My, what big pupils you have :whistling2:


----------



## corpselight (Jan 10, 2008)

i'll upload a pic later...to prove that black metal musicians don't need "corpse" paint. the corpse is on the inside! :Na_Na_Na_Na:
good choice of industrial bands, Phobia...especially :w:. RR's music is under-appreciated...i haven't been to Slimelight in years...

Jamie...Barry Manilow? *shakes head sadly* we can't all like the extreme stuff...but there are limits!


----------



## GRB (Jan 24, 2008)

garlicpickle said:


> I imagined you more as a slightly geeky professor-looking type :blush:


I think I probably would have gone that way if it weren't for getting into guitar. The other reason is because when I dress smart I look like I've stolen it - the last time I wore a suite I looked like a strip club bouncer, not the look I'm going for it has to be said!:lol2:


----------



## corpselight (Jan 10, 2008)

GRB said:


> I think I probably would have gone that way if it weren't for getting into guitar. The other reason is because when I dress smart I look like I've stolen it - the last time I wore a suite I looked like a strip club bouncer, not the look I'm going for it has to be said!:lol2:


i find myself full of resentment towards anyone that makes me dress "smart!"


----------



## Peacemaker1987 (May 21, 2009)

Ozgi said:


> My, what big pupils you have :whistling2:


...lol, big pupils...i am gonna have to check that now!



ph0bia said:


> To Peacemaker, loving the neckbeard, and, that bottom pic... you look startlingly like Prince Harry...


lol, never been told i look like Prince Harry...but ill definitely take that one, i think he is bloody funny!


----------



## Peacemaker1987 (May 21, 2009)

Ozgi said:


> My, what big pupils you have :whistling2:


Ok yeah, ill give you the pupil thing...i look like i am on dope! lol


----------



## David L (Jul 13, 2009)

Sorry for the Stereotyping, but it does seem like a lot of Spider keepers are Metalheads, Emos, Goths, Death Metallers.. etc and all other derivatives based upon the same distorted guitar based music idiom...

Myself included of course, although these days I look far too 'Overweight, late thirties,white collar office worker'...

I haven't put a photo of myself on here because:
1. Im not going to Kempton
2. Im not as nice looking as the spiders
3. My 'South Park Avatar does me far more justice than any photo would...

There's lot of good looking people in here though, even the guys are cute...:lol2:

I may keep sticking around in here longer than I originally planned!


----------



## mikemike118 (Aug 15, 2009)

David L said:


> Sorry for the Stereotyping, but it does seem like a lot of Spider keepers are Metalheads, Emos, Goths, Death Metallers.. etc and all other derivatives based upon the same distorted guitar based music idiom...


pretty true, im probably the only one you could class as a "chav" although im not, alot of metalheads/emos/goth/grungers call me a chav/pikey but they don't realise that everyone is differant...


----------



## Oldcorn (Jun 26, 2009)

David L said:


> Sorry for the Stereotyping, but it does seem like a lot of Spider keepers are Metalheads, Emos, Goths, Death Metallers.. etc and all other derivatives based upon the same distorted guitar based music idiom...
> 
> Myself included of course, although these days I look far too 'Overweight, late thirties,white collar office worker'...
> 
> ...


Yep I think most T keepers are Metalheads, Emos, Goths, Death Metallers or just absolutely facinated with T's.... Myself, im all off the above, chuck in a little strange and you've got me!

I thought I'd join in with the revealing and heres a pic of me at a beerfest with my amazing LA Guns vest on :mf_dribble: 









http://i872.photobucket.com/albums/ab284/oldcorn/meatnewt.jpg


----------



## ph0bia (Feb 21, 2009)

Goths love spiders... Or rather, the groups you've mentioned above aren't afraid of straying from the norm.

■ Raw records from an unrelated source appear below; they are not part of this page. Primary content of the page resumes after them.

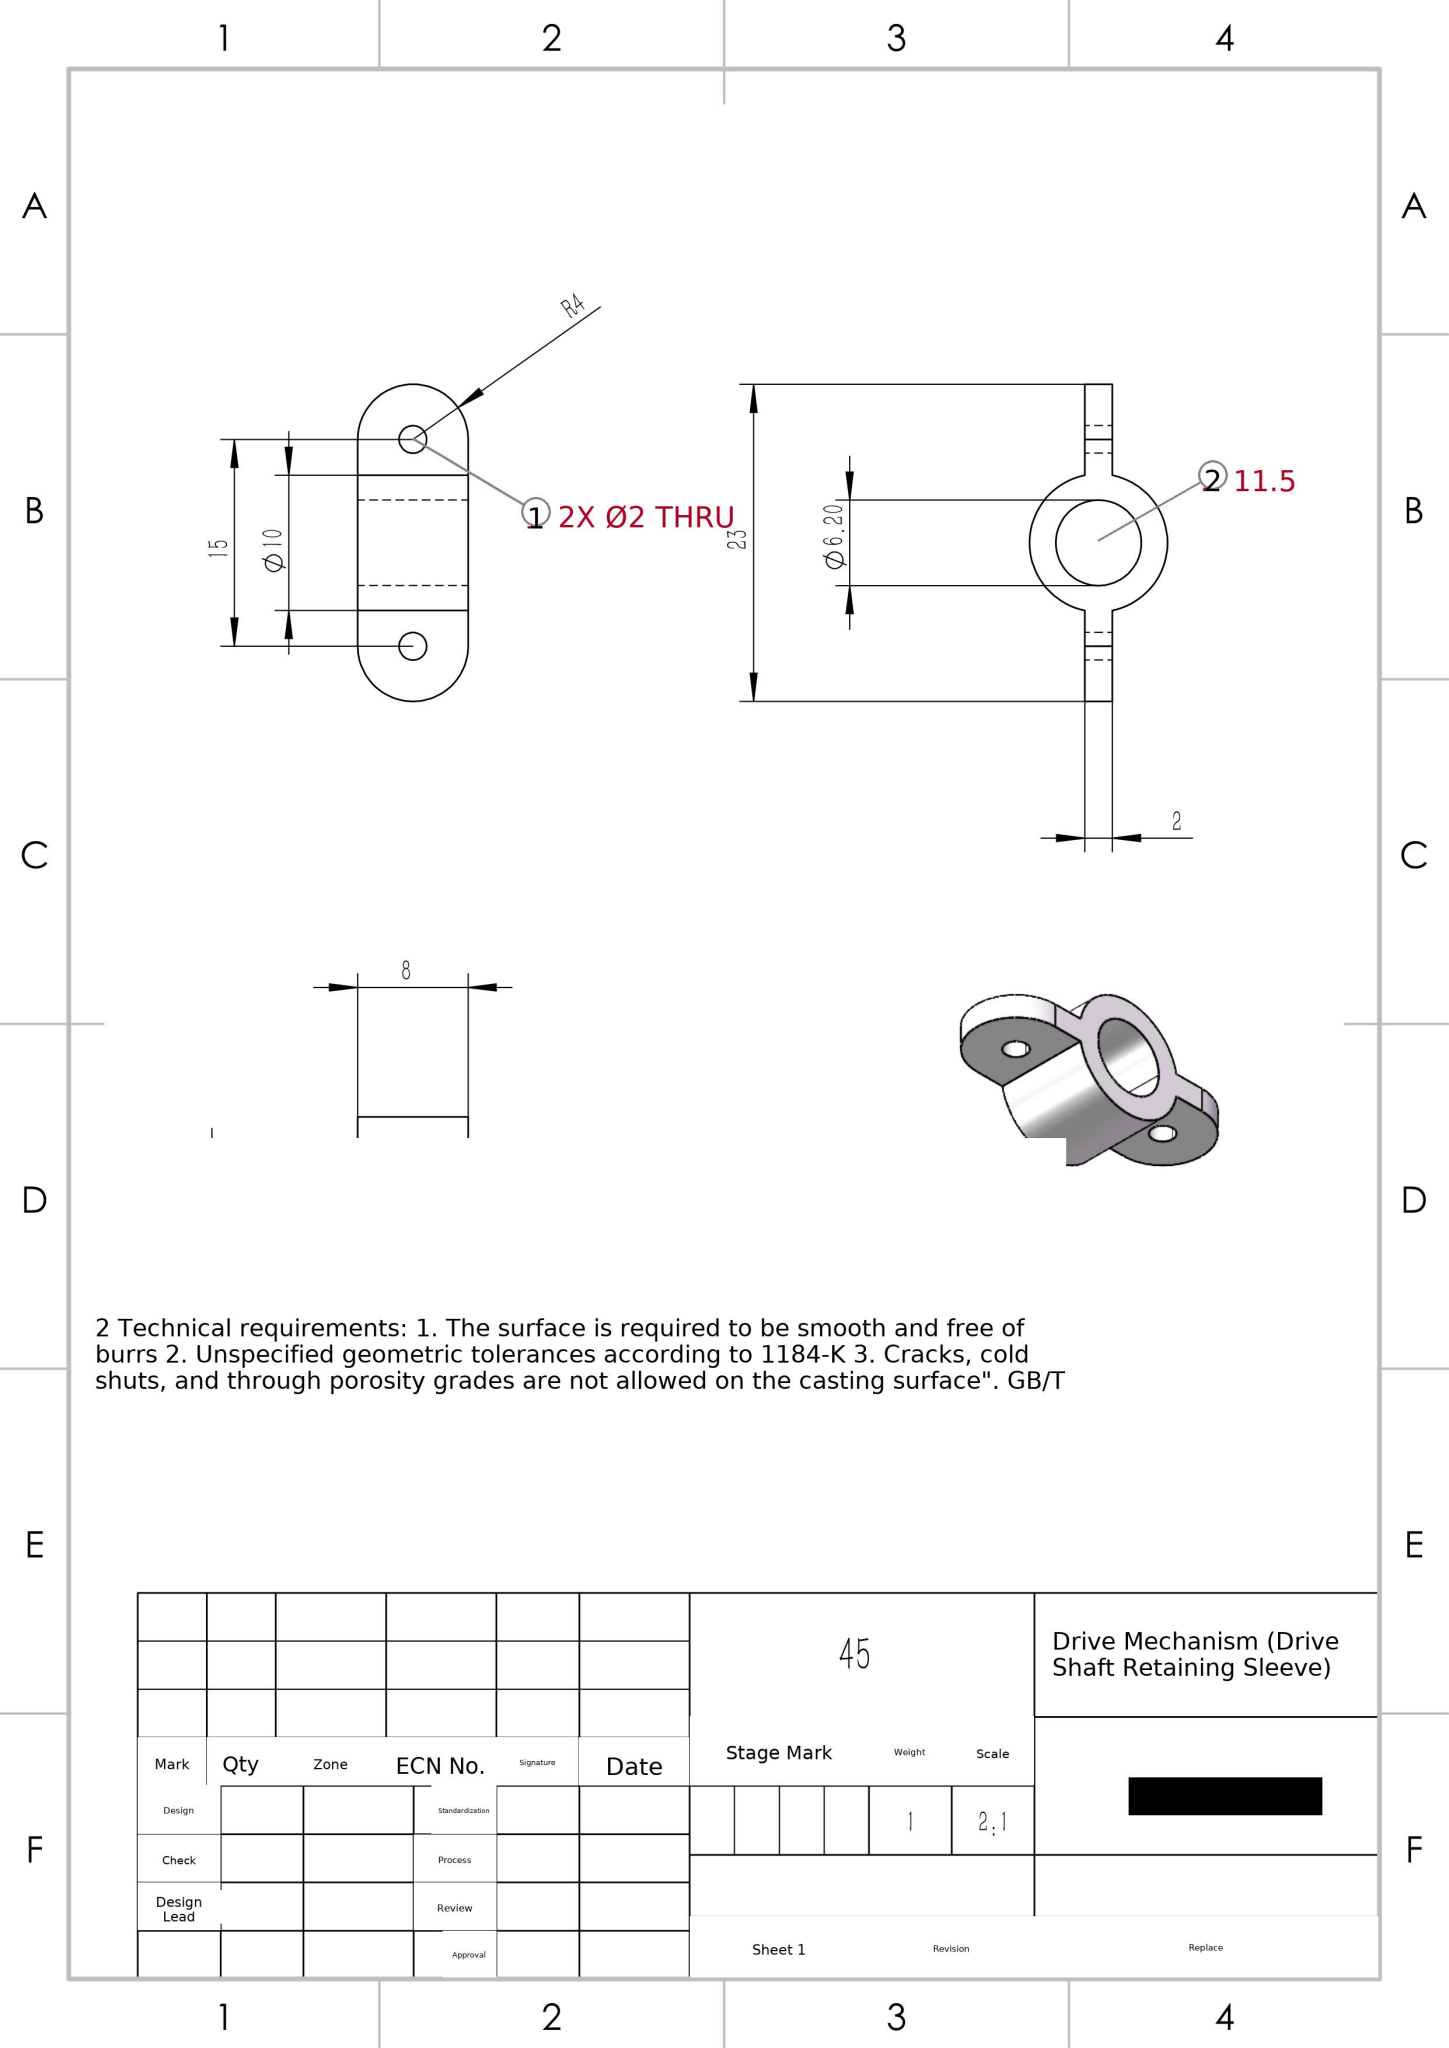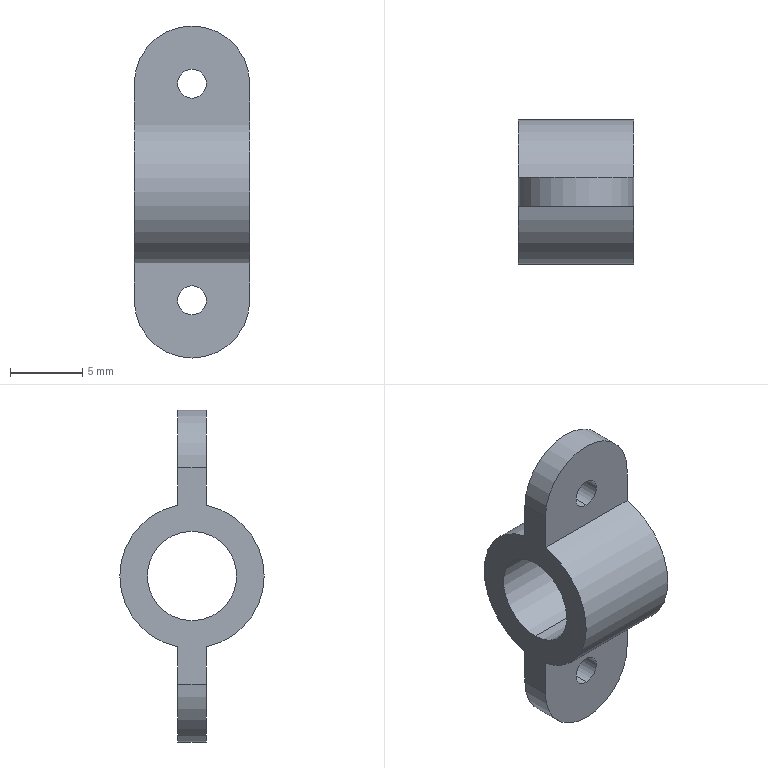Part | SolidWorks | mm | material 45 | 1 solid | 17 faces | box 8 x 10 x 23 mm | volume 556 mm3 | cylinder 11 | plane 6 | commonest cylinder face diameters 2 x4 8 x3 10 x2 6.2 x2
STEP:
#1=CARTESIAN_POINT('',(-4.,1.,-4.899));
#2=VERTEX_POINT('',#1);
#3=CARTESIAN_POINT('',(4.,1.,-4.899));
#4=VERTEX_POINT('',#3);
#5=CARTESIAN_POINT('',(4.,1.,-4.899));
#6=DIRECTION('',(1.,0.,0.));
#7=VECTOR('',#6,1000.);
#8=LINE('',#5,#7);
#9=EDGE_CURVE('',#2,#4,#8,.T.);
#10=ORIENTED_EDGE('',*,*,#9,.F.);
#11=CARTESIAN_POINT('',(-4.,1.,4.899));
#12=VERTEX_POINT('',#11);
#13=CARTESIAN_POINT('',(-4.,0.,0.));
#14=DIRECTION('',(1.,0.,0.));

A few others do too, as mentioned above, but those groups are known for it 

Me, I think it worked the other way...


----------



## garlicpickle (Jan 16, 2009)

David L said:


> Sorry for the Stereotyping, but it does seem like a lot of Spider keepers are Metalheads, Emos, Goths, Death Metallers.. etc and all other derivatives based upon the same distorted guitar based music idiom...
> !


I am none of those, but rather a 40-something wife/stepmum who just happens to like exotic pets.


----------



## ph0bia (Feb 21, 2009)

Exceptions exist to every rule, this is the only rule without exception.


----------



## Pleco07 (Aug 15, 2007)

Im not goin but in the spirit of things, this is me (i usually have an almost bold head, mother says i look like a thug like it lol. But ive decided to let it grow now)...












David L said:


> Sorry for the Stereotyping, but it does seem like a lot of Spider keepers are Metalheads, Emos, Goths, Death Metallers.. etc and all other derivatives based upon the same distorted guitar based music idiom...


Not sure I fall into any of those and I mainly listen to Reggae & Ska.......altho I do enjoy a touch of Mudvayne, Rammstein and such like


----------



## corpselight (Jan 10, 2008)

in all fairness...i know alot of metalheads/goths and other alternatives that don't give a rat's posterior for exotic pets...some are scared of them i bet! maybe a little more open minded then "normal" (whatever that is) people.

this hobby specifically has made me friends with people from all walks of life, ages, creeds, etc. bizarrely, you'll have academic types talking to black metalers talking to OAP's talking to students talking to kids talking to bikers talking to chavs...all being matey and friendly and cool, most of the time...because of this shared love of spiders and things like that.
this has to be one of the most varied hobbies ever, and i've not noticed any more metallers/goths in the hobby than representatives of any other group.
...and we *gasp* mainly get on!
:2thumb:


----------



## Ozgi (Jun 1, 2008)

garlicpickle said:


> I am none of those, but rather a 40-something wife/stepmum who just happens to like exotic pets.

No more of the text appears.